4. D/I (debt-to-income) - I talk about the D/I a lot during the 8 steps to home ownership but for a quick recap your D/I is calculated using your gross monthly income and your minimum monthly credit payments (just things that show on your credit report). Your D/I is very important because each bank has guidelines for the Maximum D/I a person can have with a mortgage payment included in it. If you are over their limits then you will not be able to buy the home in the price range that puts you over. To figure your D/I all you have to do is divide your minimum monthly credit payments by your gross monthly income (before taxes) and multiply your answer by 100 this will get you your D/I in a percentage.
5. FRM vs ARM - FRM or Fixed Rate Mortgage and ARM or Adjustable Rate Mortgage are two different types of loans that you can get. The FRM is just what it sounds like, this mortgage offers you an interest rate that will not change during the life of the loan and a mortgage payment that should stay right around the same, but never more then started with (UNLESS YOUR TAXES OR INSURANCE GO UP). The ARM is an adjustable rate mortgage generally where your interest rate is first locked for 1, 3, or 5 years and after the first initial lock can go up or down each year after that. Your payments will adjust with the ARM and are not set in stone.

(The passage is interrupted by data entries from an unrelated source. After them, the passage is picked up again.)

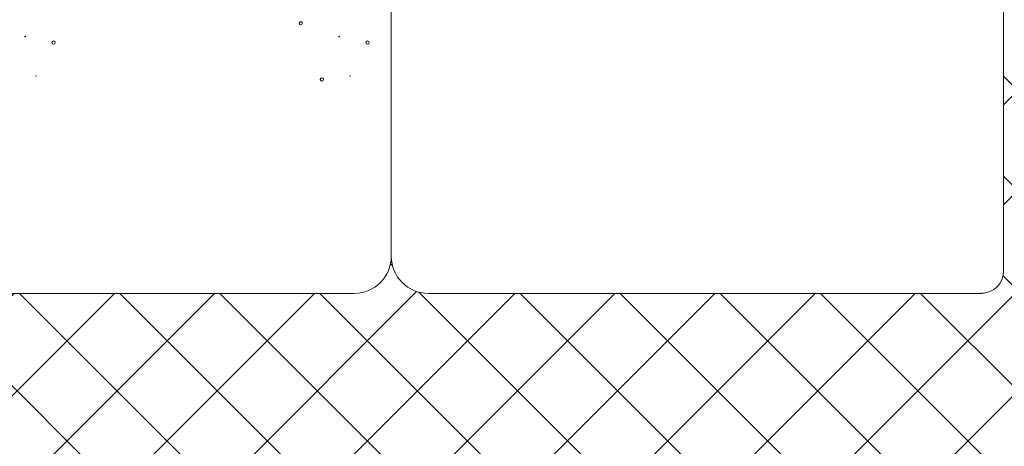
# Model space of a CAD drawing. Units: inches. Extents: x -466983 to 1020, y 324 to 318697.
# Tile 67 of 97: x 644 to 679, y 924 to 939. Entities that reach past the tile are written whole.
import ezdxf

# ---------------------------------------------------------------- set-up
doc = ezdxf.new("R2010")
doc.units = ezdxf.units.IN
doc.header["$MEASUREMENT"] = 0
doc.layers.add('A-FLOR-PATT', color=252, linetype='Continuous', lineweight=13)
doc.layers.add('A-FURN', color=8, linetype='Continuous', lineweight=18)

# ---------------------------------------------------------------- blocks, each defined once
blk = doc.blocks.new('L Shaped Sofa')
at = {"ltscale": 2}
for p, q in [((2356.696, 767.567), (2377.232, 767.567)), ((2377.232, 767.567), (2392.324, 767.567)), ((2429.959, 767.567), (2397.1, 767.567)), ((2355.263, 760.482), (2355.263, 766.134)), ((2394.712, 747.255), (2394.712, 765.179)), ((2355.263, 760.482), (2355.263, 736.259))]:
    blk.add_line(p, q, dxfattribs=at)
for centre, radius, start, end in [((2356.696, 766.134), 1.433, 90, 180), ((2392.324, 765.179), 2.388, 0, 90), ((2397.1, 765.179), 2.388, 90, 180), ((2399.184, 753.788), 0.106, 90, 270), ((2399.184, 753.788), 0.106, 270, 90), ((2397.375, 753.562), 0.0177, 90, 270), ((2397.375, 753.562), 0.0177, 270, 90), ((2417.604, 753.562), 0.0177, 90, 270), ((2417.604, 753.562), 0.0177, 270, 90), ((2396.244, 751.412), 0.106, 90, 270), ((2396.244, 751.412), 0.106, 270, 90), ((2416.474, 751.412), 0.106, 90, 270), ((2416.474, 751.412), 0.106, 270, 90), ((2398.074, 751.018), 0.0177, 90, 270), ((2398.074, 751.018), 0.0177, 270, 90), ((2418.303, 751.018), 0.0177, 90, 270), ((2418.303, 751.018), 0.0177, 270, 90), ((2400.541, 750.168), 0.106, 90, 270), ((2400.541, 750.168), 0.106, 270, 90)]:
    blk.add_arc(centre, radius, start, end, dxfattribs=at)

msp = doc.modelspace()

# ---------------------------------------------------------------- hatches: boundary and pattern name
at = {"layer": 'A-FLOR-PATT', "transparency": 33554572}
h = msp.add_hatch(dxfattribs=at)
h.set_pattern_fill('ANSI37', color=256, scale=30)
h.set_pattern_definition([(45, (-1212.4137, -290.035), (-2.6516504, 2.6516504), []), (135, (-1212.4137, -290.035), (-2.6516504, -2.6516504), [])])
h.paths.add_polyline_path([(901.806, 1075.938), (900.614, 1075.938), (900.614, 1065.386), (899.391, 1065.386), (898.091, 1065.386), (892.836, 1058.71, -0.258377), (892.188, 1058.351), (879.985, 1058.351, -0.20177), (879.438, 1058.581), (874.081, 1065.386), (872.781, 1065.386), (871.558, 1065.386), (871.558, 1075.938), (813.806, 1075.938), (813.806, 1044.792), (832.395, 1044.792, -0.394795), (848.66, 1028.536), (848.66, 1009.938), (901.806, 1009.938), (901.806, 1015.938), (901.306, 1015.938), (871.306, 1015.938), (871.306, 1017.25), (871.334, 1017.25, -0.401453), (901.306, 1045.938), (901.806, 1045.938)])
edge = h.paths.add_edge_path(flags=16)
edge.add_line((847.773, 1068.949), (847.773, 1073.709))
edge.add_arc((849.227, 1073.709), 1.454, 90, 180, ccw=False)
edge.add_line((849.227, 1075.163), (864.492, 1075.163))
edge.add_arc((864.492, 1073.709), 1.454, 0, 90, ccw=False)
edge.add_line((865.946, 1073.709), (865.946, 1069.004))
edge.add_arc((832.645, 1068.976), 33.301, -20.6123, 0.0472, ccw=False)
edge.add_ellipse((856.859, 1058.48), major_axis=(0, 10.213), ratio=0.685919, start_angle=100.0088, end_angle=259.9912, ccw=False)
edge.add_arc((881.074, 1068.976), 33.301, 180.0472, 200.6123, ccw=False)
h.paths.add_polyline_path([(853.146, 1066.482), (853.146, 1066.453), (853.146, 1066.453, 0.433107), (852.917, 1066.685), (852.917, 1066.453), (853.146, 1066.453), (853.146, 1066.482), (853.088, 1066.612, 0.697939), (852.7, 1066.453), (852.7, 1066.453), (852.7, 1066.482), (852.917, 1067.001), (852.917, 1066.685, -0.396254)], flags=0)
h.paths.add_polyline_path([(861.019, 1066.482), (861.019, 1066.453), (861.019, 1066.453, 0.416404), (860.802, 1066.685), (860.802, 1066.453), (861.019, 1066.453), (861.019, 1066.482), (860.967, 1066.605, 0.713344), (860.573, 1066.453), (860.573, 1066.453), (860.573, 1066.482), (860.802, 1067.001), (860.802, 1066.685, -0.379973)], flags=0)
edge = h.paths.add_edge_path(flags=0)
edge.add_spline(control_points=[(861.13, 1065.785), (861.466, 1065.248), (861.613, 1065.016), (861.983, 1064.374), (862.192, 1063.944), (862.561, 1063.039), (862.721, 1062.563), (862.987, 1061.578), (863.092, 1061.069), (863.245, 1060.031), (863.293, 1059.503), (863.329, 1058.441), (863.318, 1057.908), (863.237, 1056.852), (863.166, 1056.329), (862.97, 1055.308), (862.843, 1054.81), (862.537, 1053.852), (862.357, 1053.393), (861.951, 1052.525), (861.725, 1052.117), (861.233, 1051.362), (860.967, 1051.016), (860.405, 1050.395), (860.108, 1050.12), (859.494, 1049.646), (859.176, 1049.448), (858.528, 1049.13), (858.197, 1049.011), (857.531, 1048.852), (857.196, 1048.812), (856.525, 1048.812), (856.189, 1048.852), (855.524, 1049.01), (855.193, 1049.129), (854.545, 1049.447), (854.227, 1049.645), (853.612, 1050.118), (853.316, 1050.393), (852.753, 1051.014), (852.487, 1051.36), (851.995, 1052.114), (851.769, 1052.523), (851.363, 1053.39), (851.183, 1053.85), (850.877, 1054.807), (850.75, 1055.305), (850.553, 1056.326), (850.483, 1056.849), (850.401, 1057.905), (850.39, 1058.438), (850.426, 1059.5), (850.473, 1060.028), (850.626, 1061.066), (850.732, 1061.575), (850.997, 1062.561), (851.157, 1063.036), (851.525, 1063.942), (851.734, 1064.371), (852.106, 1065.016), (852.254, 1065.25), (852.608, 1065.733)], knot_values=[3.915332, 3.915332, 3.915332, 3.915332, 4.013468, 4.013468, 4.175532, 4.175532, 4.337596, 4.337596, 4.49966, 4.49966, 4.661724, 4.661724, 4.823788, 4.823788, 4.985852, 4.985852, 5.147916, 5.147916, 5.30998, 5.30998, 5.472044, 5.472044, 5.634109, 5.634109, 5.796173, 5.796173, 5.958237, 5.958237, 6.120301, 6.120301, 6.282365, 6.282365, 6.444429, 6.444429, 6.606493, 6.606493, 6.768557, 6.768557, 6.930621, 6.930621, 7.092685, 7.092685, 7.254749, 7.254749, 7.416813, 7.416813, 7.578878, 7.578878, 7.740942, 7.740942, 7.903006, 7.903006, 8.06507, 8.06507, 8.227134, 8.227134, 8.389198, 8.389198, 8.551262, 8.551262, 8.65037, 8.65037, 8.65037, 8.65037], degree=3, periodic=0)
edge.add_line((852.642, 1065.785), (861.13, 1065.785))
edge = h.paths.add_edge_path(flags=0)
edge.add_ellipse((856.85, 1057.743), major_axis=(0, 7.792), ratio=0.687861, start_angle=0, end_angle=360)
h.paths.add_polyline_path([(848.863, 1069.389), (848.863, 1073.96, -0.414214), (849.954, 1075.051), (863.765, 1075.051, -0.414214), (864.856, 1073.96), (864.856, 1069.389, -0.388936), (864.524, 1069.027, -0.043561), (849.195, 1069.027, -0.388936)], flags=0)
h.paths.add_polyline_path([(853.101, 1068.112, -1), (852.677, 1068.112, -1)], flags=0)
edge = h.paths.add_edge_path(flags=0)
edge.add_ellipse((856.859, 1057.338), major_axis=(0, 2.207), ratio=0.657164, start_angle=0, end_angle=360)
h.paths.add_polyline_path([(861.041, 1068.112, -1), (860.618, 1068.112, -1)], flags=0)
edge = h.paths.add_edge_path()
edge.add_line((573.954, 1057.341), (573.954, 1075.938))
edge.add_line((573.954, 1075.938), (558.731, 1075.938))
edge.add_line((558.731, 1075.938), (558.731, 1065.386))
edge.add_line((558.731, 1065.386), (557.507, 1065.386))
edge.add_line((557.507, 1065.386), (556.207, 1065.386))
edge.add_line((556.207, 1065.386), (550.952, 1058.71))
edge.add_arc((550.304, 1059.116), 0.765, 270, 327.9483, ccw=False)
edge.add_line((550.304, 1058.351), (538.101, 1058.351))
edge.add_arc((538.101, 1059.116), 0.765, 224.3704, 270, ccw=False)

Well there is the first lesson in Mortgage terms. I will go over some more in a while but I want to give you a rest first!
Monday, August 10, 2009
So You Want A Credit Score of 850?
So what is a credit score? Well first off FICO was founded in 1956 by Fair Isaac Company which is where we get the abbreviation of FICO from. When founded it was believed that we needed a system to help lenders determine who was more likely to default on a loan and who was most likely to repay a loan.
The scoring for your FICO has a range of 300 - 850 (in some cases 900). Everything you do that involves your social security number effects your credit score. Some times for better and some times for worse. But how do you achieve perfect credit? Well there really aren't 100% easy answers, just simple things you can do to create a respectable credit profile. The following 6 steps are the easiest steps to follow to get good credit. If you for one reason or another cannot follow these steps then you may need to take further action towards helping your credit score (we'll talk about that later)
1. You need to have at least 3 - 5 but no more then 5 open credit cards with a combination of credit cards from major lenders and 1 or 2 from places like shopping stores or gas cards. If you have more then 5 credit cards total this can effect your credit negatively
2. Keep your credit card balances less then 30% - This is key. If you have your credit cards maxed out it creates a negative score for your credit score and will damage it. Now keep in mind this does not mean you can't use the full credit balance but if you do try to pay it down before your statement cycles ends for that month so that they are either paid in full or paid down to 30% of the available credit limit (ex: Credit Limit of $1,000.00 don't have a balance carrying over to the next statement cycle of more then $300.00)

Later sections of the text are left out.